Adroaldo Hoffmann, administrador de duas granjas no estado, precisou abrir novos poços artesianos e contratar caminhões pipa para manter produção.
(Edemir Rodrigues)
Em função da falta de água que é essencial para criação de animais, assim como todo sistema de produção da avicultura, as granjas de aves do Estado tiveram que se reinventar para sobreviverem ao período de seca. Avicultores de Mato Grosso do Sul tiveram que abrir novos poços artesianos e até contratar caminhões pipas, em ações emergenciais por conta da estiagem.
Diante do preocupante cenário, o decreto de emergência do Governo do Estado, publicado no inicio da semana, ajuda o setor produtivo com ações estratégicas e ainda possibilita que eles acionem o seguro, parcelem financiamentos e renegociem dívidas.
O avicultor Adroaldo Hoffmann, que administra duas granjas da família em Campo Grande, relatou que o período de estiagem foi muito preocupante para sua produção, já que os poços artesianos da propriedade não tiveram água suficiente para demanda, tendo que abrir novos poços e até recorrer a contratação de caminhões pipa.
“Na produção avícola nós temos uma necessidade muito grande de ter água, não só para dar para os animais beberem, mas também para regular o ambiente dentro dos barracões. Em função da estiagem diminuiu demais a vazão de águas nos poços, por isso tivemos que furar poços semi-artesianos a toque de caixa, para poder evitar uma mortalidade das aves”, descreveu.
Hoffmann ressaltou que gastou R$ 50 mil não previstos para um novo poço semi artesiano de 110 metros de profundidade, mas que até ficar pronto, precisou pagar duas diárias de caminhões pipa em dezembro, com custo de R$ 1 mil por dia. “Foi uma alternativa emergencial, mas que é inviável para as granjas. O maior prejuízo é o medo de produzir e não dar a devida qualidade para produção. Tomamos todos os cuidados, mas precisamos de água”.

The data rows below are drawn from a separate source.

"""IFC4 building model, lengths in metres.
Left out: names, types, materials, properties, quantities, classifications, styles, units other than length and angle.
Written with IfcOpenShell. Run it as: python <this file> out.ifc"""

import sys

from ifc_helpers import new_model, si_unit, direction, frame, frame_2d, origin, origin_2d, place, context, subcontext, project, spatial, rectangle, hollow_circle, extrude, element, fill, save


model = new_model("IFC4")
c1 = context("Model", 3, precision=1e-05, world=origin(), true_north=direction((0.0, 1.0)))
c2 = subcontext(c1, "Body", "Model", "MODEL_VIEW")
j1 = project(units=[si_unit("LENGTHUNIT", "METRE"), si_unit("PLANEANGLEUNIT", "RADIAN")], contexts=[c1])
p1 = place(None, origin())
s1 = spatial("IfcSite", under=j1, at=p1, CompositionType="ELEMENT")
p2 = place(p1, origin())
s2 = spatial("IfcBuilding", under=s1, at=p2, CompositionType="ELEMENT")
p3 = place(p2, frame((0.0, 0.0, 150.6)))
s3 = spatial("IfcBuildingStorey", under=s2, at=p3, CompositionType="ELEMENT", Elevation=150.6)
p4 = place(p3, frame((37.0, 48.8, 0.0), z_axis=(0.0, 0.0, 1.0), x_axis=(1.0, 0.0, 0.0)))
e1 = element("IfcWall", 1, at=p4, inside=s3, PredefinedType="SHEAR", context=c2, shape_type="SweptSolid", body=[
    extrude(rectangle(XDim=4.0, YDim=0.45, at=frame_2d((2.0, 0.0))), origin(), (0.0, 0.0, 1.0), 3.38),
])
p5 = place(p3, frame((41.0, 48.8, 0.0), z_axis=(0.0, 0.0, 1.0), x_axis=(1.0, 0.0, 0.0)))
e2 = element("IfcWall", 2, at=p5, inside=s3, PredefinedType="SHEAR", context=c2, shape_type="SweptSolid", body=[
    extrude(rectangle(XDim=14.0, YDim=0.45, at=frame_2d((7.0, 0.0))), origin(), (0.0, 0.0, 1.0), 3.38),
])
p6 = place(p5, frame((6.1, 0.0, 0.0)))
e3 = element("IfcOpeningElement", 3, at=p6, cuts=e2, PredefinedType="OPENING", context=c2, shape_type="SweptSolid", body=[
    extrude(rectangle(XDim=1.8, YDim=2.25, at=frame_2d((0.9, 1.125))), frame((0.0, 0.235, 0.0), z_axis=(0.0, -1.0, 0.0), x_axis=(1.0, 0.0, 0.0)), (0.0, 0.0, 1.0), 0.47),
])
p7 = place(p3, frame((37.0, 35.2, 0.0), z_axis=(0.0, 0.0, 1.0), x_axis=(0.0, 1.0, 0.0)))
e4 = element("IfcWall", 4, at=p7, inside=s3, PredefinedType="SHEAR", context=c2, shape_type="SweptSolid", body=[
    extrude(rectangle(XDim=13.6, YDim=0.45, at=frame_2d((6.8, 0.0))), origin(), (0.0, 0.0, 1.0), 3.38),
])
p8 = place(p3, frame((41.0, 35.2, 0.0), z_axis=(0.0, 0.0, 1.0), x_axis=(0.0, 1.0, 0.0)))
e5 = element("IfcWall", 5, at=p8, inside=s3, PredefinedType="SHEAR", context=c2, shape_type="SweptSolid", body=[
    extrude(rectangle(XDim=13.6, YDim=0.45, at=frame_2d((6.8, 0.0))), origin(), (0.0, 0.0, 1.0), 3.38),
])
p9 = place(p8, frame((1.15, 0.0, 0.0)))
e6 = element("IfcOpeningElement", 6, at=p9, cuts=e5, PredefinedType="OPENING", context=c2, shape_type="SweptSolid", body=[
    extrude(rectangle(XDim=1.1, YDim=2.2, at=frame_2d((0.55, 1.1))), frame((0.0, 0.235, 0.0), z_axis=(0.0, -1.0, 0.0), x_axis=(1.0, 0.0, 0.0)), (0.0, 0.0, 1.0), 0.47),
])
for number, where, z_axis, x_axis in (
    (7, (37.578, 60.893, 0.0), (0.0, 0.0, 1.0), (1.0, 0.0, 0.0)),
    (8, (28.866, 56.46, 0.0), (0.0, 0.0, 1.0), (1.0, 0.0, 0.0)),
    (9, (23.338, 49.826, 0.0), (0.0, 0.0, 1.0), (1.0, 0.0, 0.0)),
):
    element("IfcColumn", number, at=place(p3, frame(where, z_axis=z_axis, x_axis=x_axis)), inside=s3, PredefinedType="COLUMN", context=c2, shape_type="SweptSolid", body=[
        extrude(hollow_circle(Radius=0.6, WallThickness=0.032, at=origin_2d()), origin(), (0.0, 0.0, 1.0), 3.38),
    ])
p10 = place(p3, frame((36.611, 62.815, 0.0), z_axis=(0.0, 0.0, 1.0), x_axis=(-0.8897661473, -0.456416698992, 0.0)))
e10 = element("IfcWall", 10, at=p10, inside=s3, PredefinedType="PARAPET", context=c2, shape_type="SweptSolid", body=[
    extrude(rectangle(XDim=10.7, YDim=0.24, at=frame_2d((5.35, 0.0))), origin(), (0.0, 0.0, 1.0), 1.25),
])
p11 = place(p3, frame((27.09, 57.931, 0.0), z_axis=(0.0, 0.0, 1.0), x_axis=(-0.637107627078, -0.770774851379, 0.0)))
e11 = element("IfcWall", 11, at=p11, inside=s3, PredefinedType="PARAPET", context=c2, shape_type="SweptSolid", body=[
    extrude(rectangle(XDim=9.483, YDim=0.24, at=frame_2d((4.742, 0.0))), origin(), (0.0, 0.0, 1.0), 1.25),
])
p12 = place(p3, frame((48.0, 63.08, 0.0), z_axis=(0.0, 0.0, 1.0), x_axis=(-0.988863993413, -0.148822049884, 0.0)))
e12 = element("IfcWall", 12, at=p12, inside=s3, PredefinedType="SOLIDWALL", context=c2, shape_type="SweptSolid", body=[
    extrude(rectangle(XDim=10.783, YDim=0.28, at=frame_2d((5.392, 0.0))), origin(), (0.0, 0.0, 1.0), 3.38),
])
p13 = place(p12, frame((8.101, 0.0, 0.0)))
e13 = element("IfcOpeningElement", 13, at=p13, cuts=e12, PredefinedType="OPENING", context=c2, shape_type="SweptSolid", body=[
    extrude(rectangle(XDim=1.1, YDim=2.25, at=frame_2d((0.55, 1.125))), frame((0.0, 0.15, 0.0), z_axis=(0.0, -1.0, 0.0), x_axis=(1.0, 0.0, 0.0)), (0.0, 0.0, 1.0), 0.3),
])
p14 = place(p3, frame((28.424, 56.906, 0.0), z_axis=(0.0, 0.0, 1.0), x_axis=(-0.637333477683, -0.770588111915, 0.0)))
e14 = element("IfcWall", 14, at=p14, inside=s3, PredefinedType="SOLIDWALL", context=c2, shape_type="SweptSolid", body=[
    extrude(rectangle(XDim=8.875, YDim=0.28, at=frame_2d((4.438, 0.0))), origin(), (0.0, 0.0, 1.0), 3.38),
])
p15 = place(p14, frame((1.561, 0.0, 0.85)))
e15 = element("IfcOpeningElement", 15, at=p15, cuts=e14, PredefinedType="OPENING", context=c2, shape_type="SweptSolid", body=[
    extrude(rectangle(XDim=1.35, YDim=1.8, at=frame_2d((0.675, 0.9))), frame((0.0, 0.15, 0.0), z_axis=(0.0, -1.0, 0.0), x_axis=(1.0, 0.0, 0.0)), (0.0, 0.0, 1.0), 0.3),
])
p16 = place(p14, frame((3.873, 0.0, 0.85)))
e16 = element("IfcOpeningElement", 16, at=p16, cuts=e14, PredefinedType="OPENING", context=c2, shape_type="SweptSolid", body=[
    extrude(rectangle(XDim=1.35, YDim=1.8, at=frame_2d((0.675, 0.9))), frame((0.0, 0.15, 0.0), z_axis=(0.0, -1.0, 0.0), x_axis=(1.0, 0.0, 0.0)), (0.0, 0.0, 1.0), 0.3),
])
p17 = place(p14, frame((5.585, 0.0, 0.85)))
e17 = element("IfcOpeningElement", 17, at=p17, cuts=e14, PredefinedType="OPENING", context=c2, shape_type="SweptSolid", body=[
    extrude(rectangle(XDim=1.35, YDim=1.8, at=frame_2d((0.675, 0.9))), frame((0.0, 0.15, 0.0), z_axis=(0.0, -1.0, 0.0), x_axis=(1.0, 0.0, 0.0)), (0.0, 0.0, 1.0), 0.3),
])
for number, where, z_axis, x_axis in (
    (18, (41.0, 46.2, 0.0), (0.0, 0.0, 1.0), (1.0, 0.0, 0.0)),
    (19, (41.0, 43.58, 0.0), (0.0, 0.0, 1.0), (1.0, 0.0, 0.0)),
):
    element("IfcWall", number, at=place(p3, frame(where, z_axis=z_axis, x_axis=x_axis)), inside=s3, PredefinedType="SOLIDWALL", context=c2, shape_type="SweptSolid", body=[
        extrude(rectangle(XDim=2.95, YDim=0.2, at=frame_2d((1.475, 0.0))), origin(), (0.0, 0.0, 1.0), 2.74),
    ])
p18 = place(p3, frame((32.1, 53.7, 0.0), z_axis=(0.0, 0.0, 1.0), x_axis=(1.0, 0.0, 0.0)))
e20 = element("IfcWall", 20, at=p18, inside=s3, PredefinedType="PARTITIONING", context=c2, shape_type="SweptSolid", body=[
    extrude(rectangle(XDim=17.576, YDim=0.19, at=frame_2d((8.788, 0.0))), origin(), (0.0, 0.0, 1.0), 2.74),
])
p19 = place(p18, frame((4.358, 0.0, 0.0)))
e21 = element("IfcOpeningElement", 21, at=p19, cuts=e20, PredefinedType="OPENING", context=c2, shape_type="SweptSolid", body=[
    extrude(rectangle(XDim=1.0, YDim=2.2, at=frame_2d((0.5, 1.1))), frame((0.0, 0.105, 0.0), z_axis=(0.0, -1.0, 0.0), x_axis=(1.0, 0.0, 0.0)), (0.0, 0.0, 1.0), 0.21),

Ele elogiou o decreto de situação de emergência, que será uma ferramenta importante para produção. “Tudo que vier para ajudar o produtor é bem-vindo. Pode nos ajudar no sentido de financiamento, com juros mais atrativos, assim como novas linhas de crédito e até convênio para empresa que perfure poços, que garante nosso abastecimento de água.
As duas granjas possuem juntas por volta de 250 mil aves, que são vendidas aos frigoríficos de Sidrolândia, para depois seguirem por exportação para Europa. “Neste final do ano as chuvas foram menores e irregulares, por isso não suficientes”.
Momento crítico
Com 10 granjas na região de Sidrolândia, e uma produção de 220 mil aves, o produtor Antônio Marcatto, de 68 anos, contou que o momento mais crítico da estiagem foi no final de novembro, quando os poços começaram a baixar o nível e começou a faltar água para atender a demanda.
“A situação foi assustadora, não faltou água para os animais beberem, mas tivemos que regular o uso nebulização e sistema de resfriamento das placas evaporativas. Para as granjas a água é o nosso bem maior, se faltar cai o rendimento da produção”.
O avicultor relatou que em uma das granjas da família, teve que desalojar e transferir as aves devido a estiagem, tendo que contratar caminhões pipa. “Tivemos dificuldades para lavação e desinfecção da granja, pois o nosso poço (artesiano) reduziu em 75% a sua produção, caiu de 10 mil litros por hora, para 2,5 mil litros. Tivemos inclusive que abrir outro poço para garantir a demanda”.
Marcatto destacou que o decreto de emergência é benéfico para o setor e que toda ação de apoio é importante. “Não tenho dúvida que vai ajudar. Também sugerimos a abertura de uma linha de crédito subsidiada para perfuração de poços, ou uma empresa que atenda cada região para este serviço em caso de emergência”. Junto com as granjas da família, eles possuem uma produção de 700 mil aves e vão ampliar este ano para 1 milhão.